Code from previous and current projects

 

 

All code is provided without any warranty or support.  If you use any of my code in your research, I kindly ask that you cite the respective paper. 

 


 

 

 

"Correcting for Cross-sectional and Time-Series Dependence in Accounting Research" [paper]

  • Panel Data Simulations in Matlab:  Replicate Tables 1 and 2 of the paper [code]

  • Code to implement two-way cluster-robust std. errors: 

     

    • Stata: Mitchell Petersen has posted code for OLS, probit, logit, and tobit. In the paper we use a version of the OLS routine which can accommodate a large number of fixed effects [code].  It is relatively straightforward to modify Mitchell Petersen's code to produce two-way cluster-robust std. errors for other regression techniques (e.g., ordered logit [code]).  

     

    • SAS: This code relies on SAS's built in one-way cluster function SURVEYREG and can be computationally intensive on large datasets.  The procedure cannot handle large sets of dummy variables/fixed effects, as these often result in non-invertible covariance matrices. The above Stata code is less computationally intensive. [code]

     

    • Matlab: This code estimates one-way and two-way cluster-robust std. errors [code]

     

    • Addendum: Ian Gow has posted test data to illustrate the use of two-way cluster-robust std. errors in Stata, SAS, and Matlab [test data]

     

    • Bootstrapping: Methods with asymptotic foundations generally tend to perform poorly in small samples. A straightforward way to correct for this is to use bootstrapping. One can compute two-way cluster robust standard errors using the cluster bootstrapping technique [code]. The syntax is as follows:

cluster2boot dependent_variable independent_variables,  fcluster(cluster_variable_one) tcluster(cluster_variable_two) nboot(number of bootstrap iterations)
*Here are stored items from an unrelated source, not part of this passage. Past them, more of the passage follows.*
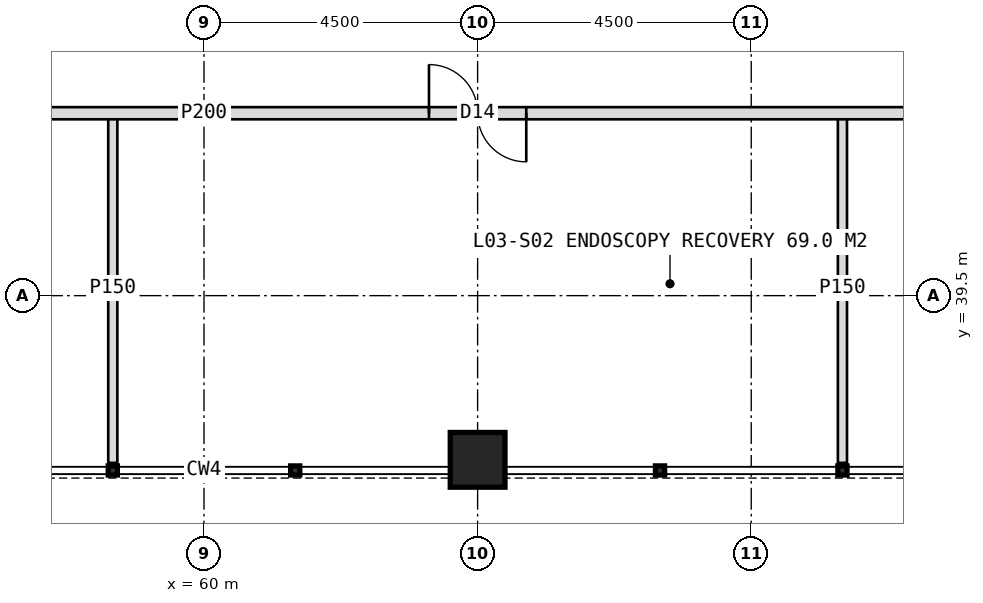
"""IFC4 building model, lengths in metres.
Left out: names, types, materials, properties, quantities, classifications, styles, units other than length and angle.
Written with IfcOpenShell. Run it as: python <this file> out.ifc"""

import sys

from ifc_helpers import new_model, si_unit, direction, frame, frame_2d, origin, origin_2d, place, context, subcontext, project, spatial, rectangle, hollow_rectangle, extrude, element, fill, save


model = new_model("IFC4")
c1 = context("Model", 3, precision=1e-05, world=origin(), true_north=direction((0.0, 1.0)))
c2 = subcontext(c1, "Body", "Model", "MODEL_VIEW")
j1 = project(units=[si_unit("LENGTHUNIT", "METRE"), si_unit("PLANEANGLEUNIT", "RADIAN")], contexts=[c1])
p1 = place(None, origin())
s1 = spatial("IfcSite", under=j1, at=p1, CompositionType="ELEMENT")
p2 = place(p1, origin())
s2 = spatial("IfcBuilding", under=s1, at=p2, CompositionType="ELEMENT")
p3 = place(p2, frame((0.0, 0.0, 16.5)))
s3 = spatial("IfcBuildingStorey", under=s2, at=p3, CompositionType="ELEMENT", Elevation=16.5)
p4 = place(p3, frame((64.5, 36.8, 0.0), z_axis=(0.0, 0.0, 1.0), x_axis=(1.0, 0.0, 0.0)))
e1 = element("IfcColumn", 1, at=p4, inside=s3, PredefinedType="COLUMN", context=c2, shape_type="SweptSolid", body=[
    extrude(hollow_rectangle(XDim=0.9, YDim=0.9, WallThickness=0.08, at=origin_2d()), origin(), (0.0, 0.0, 1.0), 4.5),
])
for number, where, z_axis, x_axis in (
    (2, (70.5, 42.5, 0.0), (0.0, 0.0, 1.0), (0.0, -1.0, 0.0)),
    (3, (58.5, 42.5, 0.0), (0.0, 0.0, 1.0), (0.0, -1.0, 0.0)),
):
    element("IfcWall", number, at=place(p3, frame(where, z_axis=z_axis, x_axis=x_axis)), inside=s3, PredefinedType="PARTITIONING", context=c2, shape_type="SweptSolid", body=[
        extrude(rectangle(XDim=5.75, YDim=0.15, at=frame_2d((2.875, 0.0))), origin(), (0.0, 0.0, 1.0), 4.2),
    ])
p5 = place(p3, frame((79.5, 42.5, 0.0), z_axis=(0.0, 0.0, 1.0), x_axis=(-1.0, 0.0, 0.0)))
e4 = element("IfcWall", 4, at=p5, inside=s3, PredefinedType="PARTITIONING", context=c2, shape_type="SweptSolid", body=[
    extrude(rectangle(XDim=39.0, YDim=0.2, at=frame_2d((19.5, 0.0))), origin(), (0.0, 0.0, 1.0), 4.2),
])
p6 = place(p5, frame((4.0, 0.0, 0.0)))
e5 = element("IfcOpeningElement", 5, at=p6, cuts=e4, PredefinedType="OPENING", context=c2, shape_type="SweptSolid", body=[
    extrude(rectangle(XDim=1.0, YDim=2.1, at=frame_2d((0.5, 1.05))), frame((0.0, 0.11, 0.0), z_axis=(0.0, -1.0, 0.0), x_axis=(1.0, 0.0, 0.0)), (0.0, 0.0, 1.0), 0.22),
])
p7 = place(p5, frame((14.2, 0.0, 0.0)))
e6 = element("IfcOpeningElement", 6, at=p7, cuts=e4, PredefinedType="OPENING", context=c2, shape_type="SweptSolid", body=[
    extrude(rectangle(XDim=1.6, YDim=2.2, at=frame_2d((0.8, 1.1))), frame((0.0, 0.11, 0.0), z_axis=(0.0, -1.0, 0.0), x_axis=(1.0, 0.0, 0.0)), (0.0, 0.0, 1.0), 0.22),
])
p8 = place(p5, frame((29.2, 0.0, 0.0)))
e7 = element("IfcOpeningElement", 7, at=p8, cuts=e4, PredefinedType="OPENING", context=c2, shape_type="SweptSolid", body=[
    extrude(rectangle(XDim=1.6, YDim=2.2, at=frame_2d((0.8, 1.1))), frame((0.0, 0.11, 0.0), z_axis=(0.0, -1.0, 0.0), x_axis=(1.0, 0.0, 0.0)), (0.0, 0.0, 1.0), 0.22),
])
p9 = place(p7, origin())
e8 = element("IfcDoor", 8, at=p9, inside=s3, OperationType="DOUBLE_DOOR_DOUBLE_SWING", PredefinedType="DOOR", context=c2, shape_type="SweptSolid", body=[
    extrude(rectangle(XDim=1.6, YDim=2.2, at=frame_2d((0.8, 1.1))), frame((0.0, 0.025, 0.0), z_axis=(0.0, -1.0, 0.0), x_axis=(1.0, 0.0, 0.0)), (0.0, 0.0, 1.0), 0.05),
])
fill(e6, e8)
save(model, sys.argv[1])

It is relatively straightforward to modify this code to apply to other estimation techniques. An added advantage of using the cluster-bootstrap technique is that it allows the user to compute two-way cluster-robust standard errors for estimation techniques that do not have a built-in "cluster" option in Stata.  

 

 

 

 

 

 

 

 


 

General Code/Utilities

 


 

 

 

 

 


 

SAS and STATA Notes

 


  • Robust regression in STATA (rreg) and SAS (proc robustreg) are almost identical procedures. However, it appears that the former removes observations with Cook's D greater than 1 whereas the the latter retains them.

     

  • In STATA you can use the command    xi: regress Y X i.Z     to estimate a model with a large number of fixed effects based on the values of Z.  For example, let SIC2 contain the two-digit industry code, then   xi: regress Y X i.SIC2   will create and estimate a model with industry fixed effects

     

  • One can bootstrap any regression command in Stata using the code:  bootstrap "{insert command}" _b

     

  • One can compute one-way cluster robust standard errors for STATA commands that do not have a built in cluster option using the code:    bootstrap "{insert command}" _b, cluster( {insert clusterID} )

     

  • The common approach of estimating Newey-West corrected standard errors is SAS using the proc model statement with a Bartlett kernel is (a) sensitive to the ordering of the observations for time-series data and (b) does not produce Newey-West standard errors for panel data.  These problems arise because unlike STATA's tsset command, the proc model statement does not allow the user to specify a time index, causing SAS to treat the panel as a single time-series.